Since we classified healthcare worker collected specimens as the gold-standard diagnostic accuracy was presumed to be 100%. For CT the healthcare worker collected sensitivity ranged between 50 and 100%, while specificity was 88 and 99.2%; for MG sensitivity ranged between 97 and 100%, while specificity was 88 and 100%; NG sensitivity ranged between 40 and 97%, while specificity was 88 and 100%; and TV sensitivity ranged between 96 and 100%, while specificity was 88 and 100%.

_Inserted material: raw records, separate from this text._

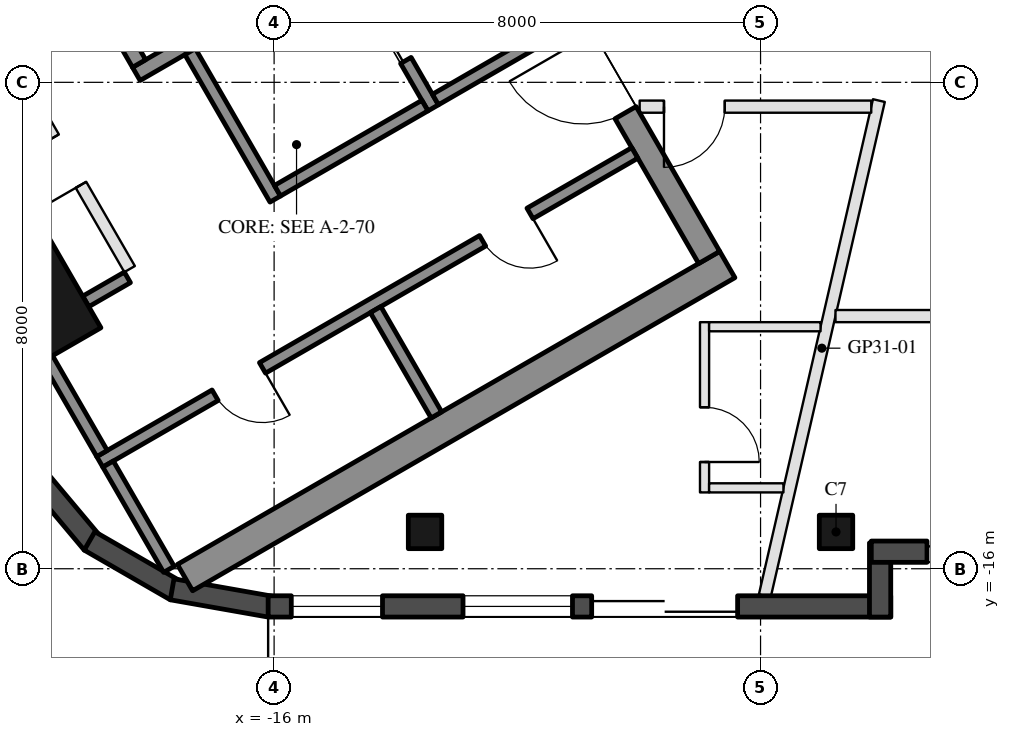
"""IFC4 building model, lengths in metres.
Left out: names, types, materials, properties, quantities, classifications, styles, units other than length and angle.
Written with IfcOpenShell. Run it as: python <this file> out.ifc"""

import sys

from ifc_helpers import new_model, si_unit, direction, frame, frame_2d, origin, origin_2d, place, context, subcontext, project, spatial, rectangle, hollow_rectangle, extrude, boolean, halfspace, element, fill, save


model = new_model("IFC4")
c1 = context("Model", 3, precision=1e-05, world=origin(), true_north=direction((0.0, 1.0)))
c2 = subcontext(c1, "Body", "Model", "MODEL_VIEW")
j1 = project(units=[si_unit("LENGTHUNIT", "METRE"), si_unit("PLANEANGLEUNIT", "RADIAN")], contexts=[c1])
p1 = place(None, origin())
s1 = spatial("IfcSite", under=j1, at=p1, CompositionType="ELEMENT")
p2 = place(p1, origin())
s2 = spatial("IfcBuilding", under=s1, at=p2, CompositionType="ELEMENT")
p3 = place(p2, frame((0.0, 0.0, 302.2)))
s3 = spatial("IfcBuildingStorey", under=s2, at=p3, CompositionType="ELEMENT", Elevation=302.2)
p4 = place(p3, frame((-13.518, -15.395, 0.0), z_axis=(0.0, 0.0, 1.0), x_axis=(-1.0, 0.0, 0.0)))
e1 = element("IfcColumn", 1, at=p4, inside=s3, PredefinedType="COLUMN", context=c2, shape_type="SweptSolid", body=[
    boolean("DIFFERENCE", extrude(hollow_rectangle(XDim=0.55, YDim=0.55, WallThickness=0.025, at=origin_2d()), origin(), (0.0, 0.0, 1.0), 3.7), halfspace(frame((0.0, 0.0, 0.04), z_axis=(0.0, 0.0, 1.0), x_axis=(1.0, 0.0, 0.0)), True)),
])
p5 = place(p3, frame((-6.759, -15.395, 0.0), z_axis=(0.0, 0.0, 1.0), x_axis=(-1.0, 0.0, 0.0)))
e2 = element("IfcColumn", 2, at=p5, inside=s3, PredefinedType="COLUMN", context=c2, shape_type="SweptSolid", body=[
    boolean("DIFFERENCE", extrude(hollow_rectangle(XDim=0.55, YDim=0.55, WallThickness=0.025, at=origin_2d()), origin(), (0.0, 0.0, 1.0), 3.7), halfspace(frame((0.0, 0.0, 0.034), z_axis=(0.0, 0.0, 1.0), x_axis=(1.0, 0.0, 0.0)), True)),
])
p6 = place(p3, frame((-20.214, -11.671, 0.0), z_axis=(0.0, 0.0, 1.0), x_axis=(-0.5, 0.866025403784, 0.0)))
e3 = element("IfcColumn", 3, at=p6, inside=s3, PredefinedType="COLUMN", context=c2, shape_type="SweptSolid", body=[
    boolean("DIFFERENCE", extrude(hollow_rectangle(XDim=2.0, YDim=2.0, WallThickness=0.05, at=origin_2d()), origin(), (0.0, 0.0, 1.0), 3.7), halfspace(frame((0.0, 0.0, 0.113), z_axis=(0.0, 0.0, 1.0), x_axis=(1.0, 0.0, 0.0)), True)),
])
p7 = place(p3, frame((-20.039, -14.329, 0.0), z_axis=(0.0, 0.0, 1.0), x_axis=(0.642708448155, -0.766110860562, 0.0)))
e4 = element("IfcWall", 4, at=p7, inside=s3, PredefinedType="SOLIDWALL", context=c2, shape_type="SweptSolid", body=[
    extrude(rectangle(XDim=1.634, YDim=0.35, at=frame_2d((0.817, 0.0))), origin(), (0.0, 0.0, 1.0), 3.55),
])
p8 = place(p3, frame((-19.035, -15.542, 0.0), z_axis=(0.0, 0.0, 1.0), x_axis=(0.866083589932, -0.499899205091, 0.0)))
e5 = element("IfcWall", 5, at=p8, inside=s3, PredefinedType="SOLIDWALL", context=c2, shape_type="SweptSolid", body=[
    extrude(rectangle(XDim=1.634, YDim=0.35, at=frame_2d((0.817, 0.0))), origin(), (0.0, 0.0, 1.0), 3.55),
])
p9 = place(p3, frame((-17.677, -16.338, 0.0), z_axis=(0.0, 0.0, 1.0), x_axis=(0.98479107762, -0.173742721977, 0.0)))
e6 = element("IfcWall", 6, at=p9, inside=s3, PredefinedType="SOLIDWALL", context=c2, shape_type="SweptSolid", body=[
    extrude(rectangle(XDim=1.634, YDim=0.35, at=frame_2d((0.817, 0.0))), origin(), (0.0, 0.0, 1.0), 3.55),
])
p10 = place(p3, frame((-16.098, -16.62, 0.0), z_axis=(0.0, 0.0, 1.0), x_axis=(1.0, 0.0, 0.0)))
e7 = element("IfcWall", 7, at=p10, inside=s3, PredefinedType="SOLIDWALL", context=c2, shape_type="SweptSolid", body=[
    extrude(rectangle(XDim=10.239, YDim=0.35, at=frame_2d((5.12, 0.0))), origin(), (0.0, 0.0, 1.0), 3.55),
])
p11 = place(p10, frame((0.381, 0.0, 0.3)))
e8 = element("IfcOpeningElement", 8, at=p11, cuts=e7, PredefinedType="OPENING", context=c2, shape_type="SweptSolid", body=[
    extrude(rectangle(XDim=1.5, YDim=2.65, at=frame_2d((0.75, 1.325))), frame((0.0, 0.185, 0.0), z_axis=(0.0, -1.0, 0.0), x_axis=(1.0, 0.0, 0.0)), (0.0, 0.0, 1.0), 0.37),
])
p12 = place(p10, frame((5.321, 0.0, 0.0)))
e9 = element("IfcOpeningElement", 9, at=p12, cuts=e7, PredefinedType="OPENING", context=c2, shape_type="SweptSolid", body=[
    extrude(rectangle(XDim=2.4, YDim=2.4, at=frame_2d((1.2, 1.2))), frame((0.0, 0.185, 0.0), z_axis=(0.0, -1.0, 0.0), x_axis=(1.0, 0.0, 0.0)), (0.0, 0.0, 1.0), 0.37),
])
p13 = place(p10, frame((3.205, 0.0, 0.3)))
e10 = element("IfcOpeningElement", 10, at=p13, cuts=e7, PredefinedType="OPENING", context=c2, shape_type="SweptSolid", body=[
    extrude(rectangle(XDim=1.8, YDim=2.65, at=frame_2d((0.9, 1.325))), frame((0.0, 0.185, 0.0), z_axis=(0.0, -1.0, 0.0), x_axis=(1.0, 0.0, 0.0)), (0.0, 0.0, 1.0), 0.37),
])
p14 = place(p3, frame((-6.034, -16.795, 0.0), z_axis=(0.0, 0.0, 1.0), x_axis=(0.0, 1.0, 0.0)))
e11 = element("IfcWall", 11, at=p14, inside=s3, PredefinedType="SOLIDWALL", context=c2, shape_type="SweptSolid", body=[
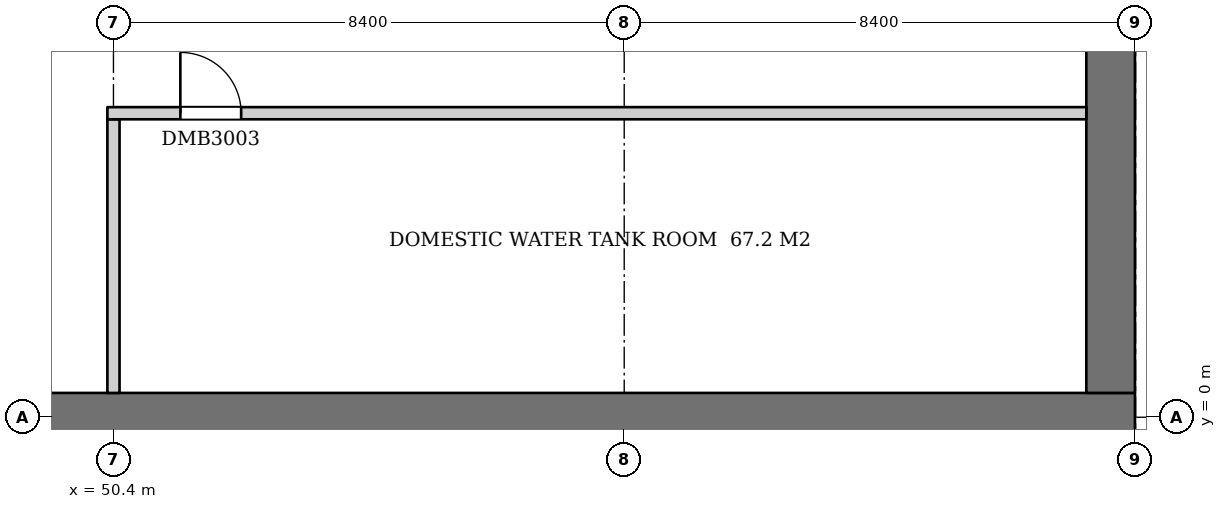
"""IFC4 building model, lengths in metres.
Left out: names, types, materials, properties, quantities, classifications, styles, units other than length and angle.
Written with IfcOpenShell. Run it as: python <this file> out.ifc"""

import sys

from ifc_helpers import new_model, si_unit, direction, frame, frame_2d, origin, place, context, subcontext, project, spatial, rectangle, extrude, element, fill, save


model = new_model("IFC4")
c1 = context("Model", 3, precision=1e-05, world=origin(), true_north=direction((0.0, 1.0)))
c2 = subcontext(c1, "Body", "Model", "MODEL_VIEW")
j1 = project(units=[si_unit("LENGTHUNIT", "METRE"), si_unit("PLANEANGLEUNIT", "RADIAN")], contexts=[c1])
p1 = place(None, origin())
s1 = spatial("IfcSite", under=j1, at=p1, CompositionType="ELEMENT")
p2 = place(p1, origin())
s2 = spatial("IfcBuilding", under=s1, at=p2, CompositionType="ELEMENT")
p3 = place(p2, frame((0.0, 0.0, -12.0)))
s3 = spatial("IfcBuildingStorey", under=s2, at=p3, CompositionType="ELEMENT", Elevation=-12.0)
p4 = place(p3, frame((-0.4, 0.0, 0.0), z_axis=(0.0, 0.0, 1.0), x_axis=(1.0, 0.0, 0.0)))
e1 = element("IfcWall", 1, at=p4, inside=s3, PredefinedType="SOLIDWALL", context=c2, shape_type="SweptSolid", body=[
    extrude(rectangle(XDim=67.6, YDim=0.8, at=frame_2d((33.8, 0.0))), origin(), (0.0, 0.0, 1.0), 3.7),
])
p5 = place(p3, frame((66.8, 0.4, 0.0), z_axis=(0.0, 0.0, 1.0), x_axis=(0.0, 1.0, 0.0)))
e2 = element("IfcWall", 2, at=p5, inside=s3, PredefinedType="SOLIDWALL", context=c2, shape_type="SweptSolid", body=[
    extrude(rectangle(XDim=58.0, YDim=0.8, at=frame_2d((29.0, 0.0))), origin(), (0.0, 0.0, 1.0), 3.7),
])
p6 = place(p3, frame((50.4, 0.4, 0.0), z_axis=(0.0, 0.0, 1.0), x_axis=(0.0, 1.0, 0.0)))
e3 = element("IfcWall", 3, at=p6, inside=s3, PredefinedType="PARTITIONING", context=c2, shape_type="SweptSolid", body=[
    extrude(rectangle(XDim=4.5, YDim=0.2, at=frame_2d((2.25, 0.0))), origin(), (0.0, 0.0, 1.0), 3.7),
])
p7 = place(p3, frame((50.3, 5.0, 0.0), z_axis=(0.0, 0.0, 1.0), x_axis=(1.0, 0.0, 0.0)))
e4 = element("IfcWall", 4, at=p7, inside=s3, PredefinedType="PARTITIONING", context=c2, shape_type="SweptSolid", body=[
    extrude(rectangle(XDim=16.1, YDim=0.2, at=frame_2d((8.05, 0.0))), origin(), (0.0, 0.0, 1.0), 3.7),
])
p8 = place(p7, frame((1.2, 0.0, 0.0)))
e5 = element("IfcOpeningElement", 5, at=p8, cuts=e4, PredefinedType="OPENING", context=c2, shape_type="SweptSolid", body=[
    extrude(rectangle(XDim=1.0, YDim=2.1, at=frame_2d((0.5, 1.05))), frame((0.0, 0.11, 0.0), z_axis=(0.0, -1.0, 0.0), x_axis=(1.0, 0.0, 0.0)), (0.0, 0.0, 1.0), 0.22),
])
p9 = place(p8, origin())
e6 = element("IfcDoor", 6, at=p9, inside=s3, OperationType="SINGLE_SWING_LEFT", PredefinedType="DOOR", context=c2, shape_type="SweptSolid", body=[
    extrude(rectangle(XDim=1.0, YDim=2.1, at=frame_2d((0.5, 1.05))), frame((0.0, 0.025, 0.0), z_axis=(0.0, -1.0, 0.0), x_axis=(1.0, 0.0, 0.0)), (0.0, 0.0, 1.0), 0.05),
])
fill(e5, e6)
save(model, sys.argv[1])

The results indicate that self-collected specimens are a comparative alternative to healthcare worker collected specimens for STI testing. This is in keeping with previous studies that advocate for the use of self-sampling interventions as alternative tools to enable and promote screening of STIs even in asymptomatic patients and resource- limited settings15,39. These findings have important implications for STI testing, particularly in settings where access to healthcare workers may be limited or where stigma and embarrassment may prevent individuals from seeking testing.

Limitations

The lack of eligible studies for syphilis and insufficient study data for meta-analysis in HPV limits the comprehensiveness of the review. There was significant heterogeneity among included studies, likely due to varying specimen collection and testing methods, which introduced variability and challenges with generalizability of the findings. Despite efforts to minimise bias during data analysis, the use of convenience sampling in most studies introduced potential bias in patient selection. Assuming the accuracy of the gold standard of healthcare worker-collected specimens may not fully capture variability in sensitivity and specificity among these samples. Conversely, the wide range of sensitivity and specificity values across individual studies underscores the complexity of interpreting overall diagnostic accuracy. Lastly, it is important to consider that the findings of this study may not be generalizable to resource-limited settings where access to healthcare workers and testing facilities differs.

Conclusion

This study presents evidence of the accuracy of self-collected specimens when used to diagnose STIs in females. The meta-analysis findings highlight that the diagnostic accuracy of self-collected specimen to diagnose STIs in females is comparable with that of healthcare worker collected specimens. When considering the global burden of STIs on the public health system, such findings are an indication of how self-sampling for STI diagnosis could be used to improve STI management services across the globe. Although much evidence exists on the use of this intervention in high-income countries22, the researchers hope that the findings of this study will capture the attention of governments in LIMCs and cause them to see their need for it. Furthermore, the potential of self-sampling interventions to improve screening of asymptomatic STIs must be recognized and utilized as a tool to fulfil goal 3 of the sustainable development goals which is targeted at treating and improving access to quality healthcare for all people across the globe. The study is limited in that the investigation of diagnostic accuracy of self-collected specimens was only conducted on females. Therefore, the findings are not representative of self-collected specimens among a broader and more diverse population. We, therefore, recommend a future study to investigate the accuracy of self-collected specimens for diagnosing a wide range of STIs in a more diverse and broader population.